Clémence Robat et Jérémy Matusiak sont arrivés en juin dans le village. Ils vivent normalement, mais ont fait le choix de ne communiquer que via la langue des signes
L’histoire
En arrivant au rendez-vous, d’un geste machinal le visiteur appuie sur la sonnette, mais les habitants du pavillon ne peuvent pas l’entendre. Un chien aboie alors, et c’est son agitation qui signale cette présence aux propriétaires.
Clémence et Jérémy forment un jeune couple qui ne communique qu’avec la langue des signes française (LSF), autrement dit, ce qu’on appelle couramment la « langue des signes ». « C’est un choix, affirme Clémence, car, pour moi c’est ma première langue, et le français ma seconde. »
La jeune femme était auparavant intégrée dans un établissement scolaire où elle utilisait, à l’aide d’une codeuse, le langage parlé complété (LPC), un système centré sur la lecture des mouvements des lèvres du locuteur. « C’était très fatigant, maintenant j’ai tout oublié du LPC », confie Clémence.
La jeune femme a aussi appris à utiliser la voix, mais elle articule mal du fait de son audition, donc il lui est compliqué de se faire comprendre. En outre, elle ne maîtrise pas la force du son qu’elle émet : « Un jour, ma mère, dans un magasin s’était éloignée, j’ai voulu l’appeler et j’ai hurlé, c’était gênant ».

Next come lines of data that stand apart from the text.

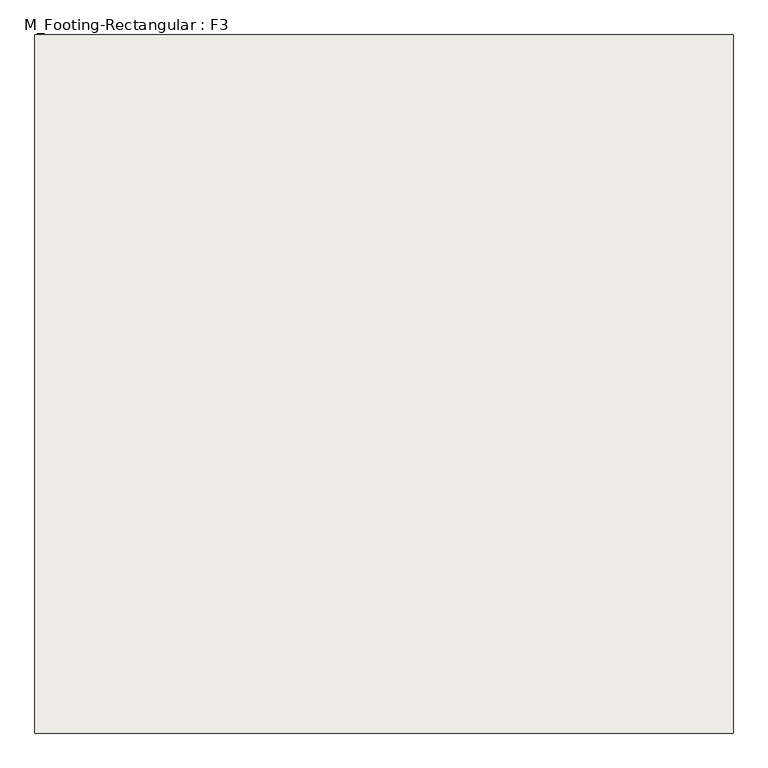
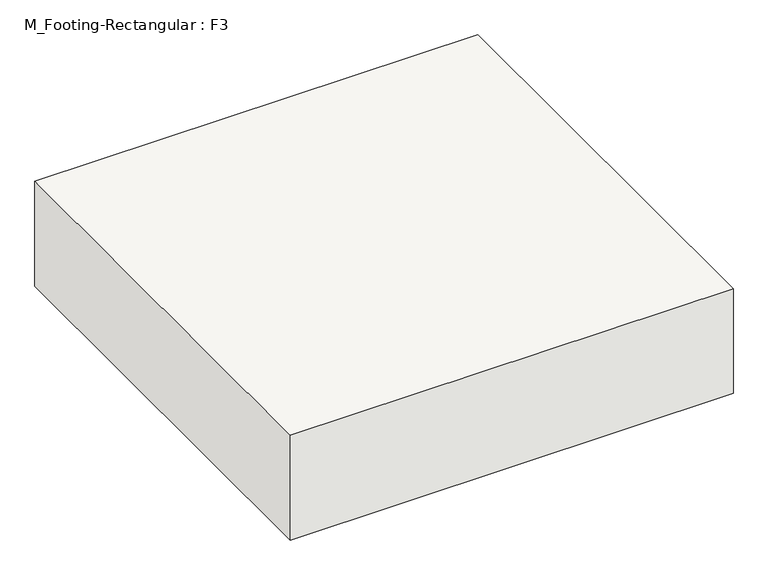
"""IFC4 building model written with IfcOpenShell, lengths in millimetres: slab geometry, M_Footing-Rectangular : F3."""

from ifc_helpers import new_model, si_unit, frame, origin, place, context, project, spatial, polyline, outline, extrude, source, transform, mapped, element, save


def m_footing_rectangular_f3_6d6a3403(model_context):
    return source(origin(), model_context, "Body", "SweptSolid", [
        extrude(outline(polyline([(914.4, 914.4), (914.4, -914.4), (-914.4, -914.4), (-914.4, 914.4), (914.4, 914.4)])), frame((0.0, 0.0, -457.2), z_axis=(0.0, 0.0, 1.0), x_axis=(1.0, 0.0, 0.0)), (0.0, 0.0, 1.0), 457.2),
    ])


if __name__ == "__main__":
    model = new_model("IFC4")
    model_context = context("Model", 3, world=origin())
    ifc_project = project(units=[si_unit("LENGTHUNIT", "METRE", prefix="MILLI")], contexts=[model_context])
    site = spatial("IfcSite", under=ifc_project)
    building = spatial("IfcBuilding", under=site)
    placement = place(None, origin())
    m_footing_rectangular_f3_shape = m_footing_rectangular_f3_6d6a3403(model_context)
    element("IfcSlab", 1, ObjectType="M_Footing-Rectangular : F3", at=placement, inside=building, context=model_context, shape_type="MappedRepresentation", body=[
        mapped(m_footing_rectangular_f3_shape, transform((0.0, 0.0, 0.0), x_axis=(1.0, 0.0, 0.0), y_axis=(0.0, 1.0, 0.0), z_axis=(0.0, 0.0, 1.0))),
    ])
    save(model, "model.ifc")

# Revit data of these elements
# Type "M_Footing-Rectangular : F3"
#   Width = 1828.8 mm
#   Length = 1828.8 mm
#   Foundation Thickness = 457.2 mm
#   Structural Material [instance default] = Concrete, Cast-in-Place gray
#   Assembly Code = ""
# Element 1 (IfcSlab, "M_Footing-Rectangular : F3")
#   Materials on its faces: "Concrete, Cast-in-Place gray"
# Materials
#   "Concrete, Cast-in-Place gray": class "Concrete", colour RGB 192 192 192, transparency 0, Description = "Cast-in-place concrete", Cost = 0

Ses parents ont voulu tenter un implant cochléaire, un petit appareil chargé d’amplifier le signal sonore reçu par l’oreille. Mais Clémence n’entendait que des bruits désagréables. « C’est vraiment avec la langue des signes que je me suis épanouie », explique-t-elle.
Une vie bien organisée
La jeune femme de 27 ans a suivi des études de prothésiste dentaire, mais a préféré devenir enseignante en LSF dans une association. Jérémy, son compagnon, a 29 ans, est lui aussi adepte de ce mode de communication : « Nous sommes sourds, c’est comme cela. Dans nos familles, tout le monde est entendant, mais ils connaissent aussi la langue des signes. »
Jérémy a été scolarisé au Crop, le Centre ressource de l’ouïe et de la parole, un institut spécialisé dans l’accueil des jeunes sourds, puis a suivi une formation de menuisier. Le syndrome d’Usher, dont il est atteint, lui provoque des troubles visuels importants qui compliquent encore davantage sa recherche de travail. « Je m’occupe de la maison, la cuisine, le ménage, le jardin et je fais du sport » confie-t-il.
Tous les deux ont également fréquenté l’Institut national des jeunes sourds à Paris, mais c’est chez des amis communs qu’ils se sont connus. Ils ont quelques relations avec leurs voisins, mais beaucoup de leurs amis sont sourds. « C’est plus simple d’être avec des personnes qui signent », c’est-à-dire des interlocuteurs qui utilisent le langage des signes, reconnaît Jérémy.
Leurs deux chiens, Bobby, qui est sourd lui aussi, et Igloo, se sont adaptés. Démonstration à l’appui. Clémence leur ordonne de s’asseoir en signant. Et ceux-ci obtempèrent instantanément.
Un accueil aléatoire
Dans la vie de tous les jours, c’est le manque d’interprètes dans les services publics qui leur pose le plus de problèmes, notamment à l’hôpital « Les rendez-vous médicaux sont très lourds pour nous », confie le couple.
Ils ont une subvention mensuelle par l’intermédiaire de la Maison départementale des personnes handicapées pour pouvoir faire appel à des interprètes.
Mais celle-ci se révèle insuffisante, car cette prestation coûte 60 € par heure.
« Par contre, à la mairie du village, on est très bien reçus. Les secrétaires font beaucoup d’efforts pour communiquer avec nous », assure Jérémy. Loin de se lamenter, les deux jeunes gens organisent leur vie avec leur handicap commun.
Leur prochain équipement sera un avertisseur lumineux de quatre couleurs relié à la sonnette, au téléphone, au détecteur d’incendie et au babyphone. De quoi leur permettre de se sentir rassurés.
Aujourd’hui, Clémence est enceinte. Donc, comme tous les futurs parents, le jeune couple se prépare pour accueillir le futur bébé.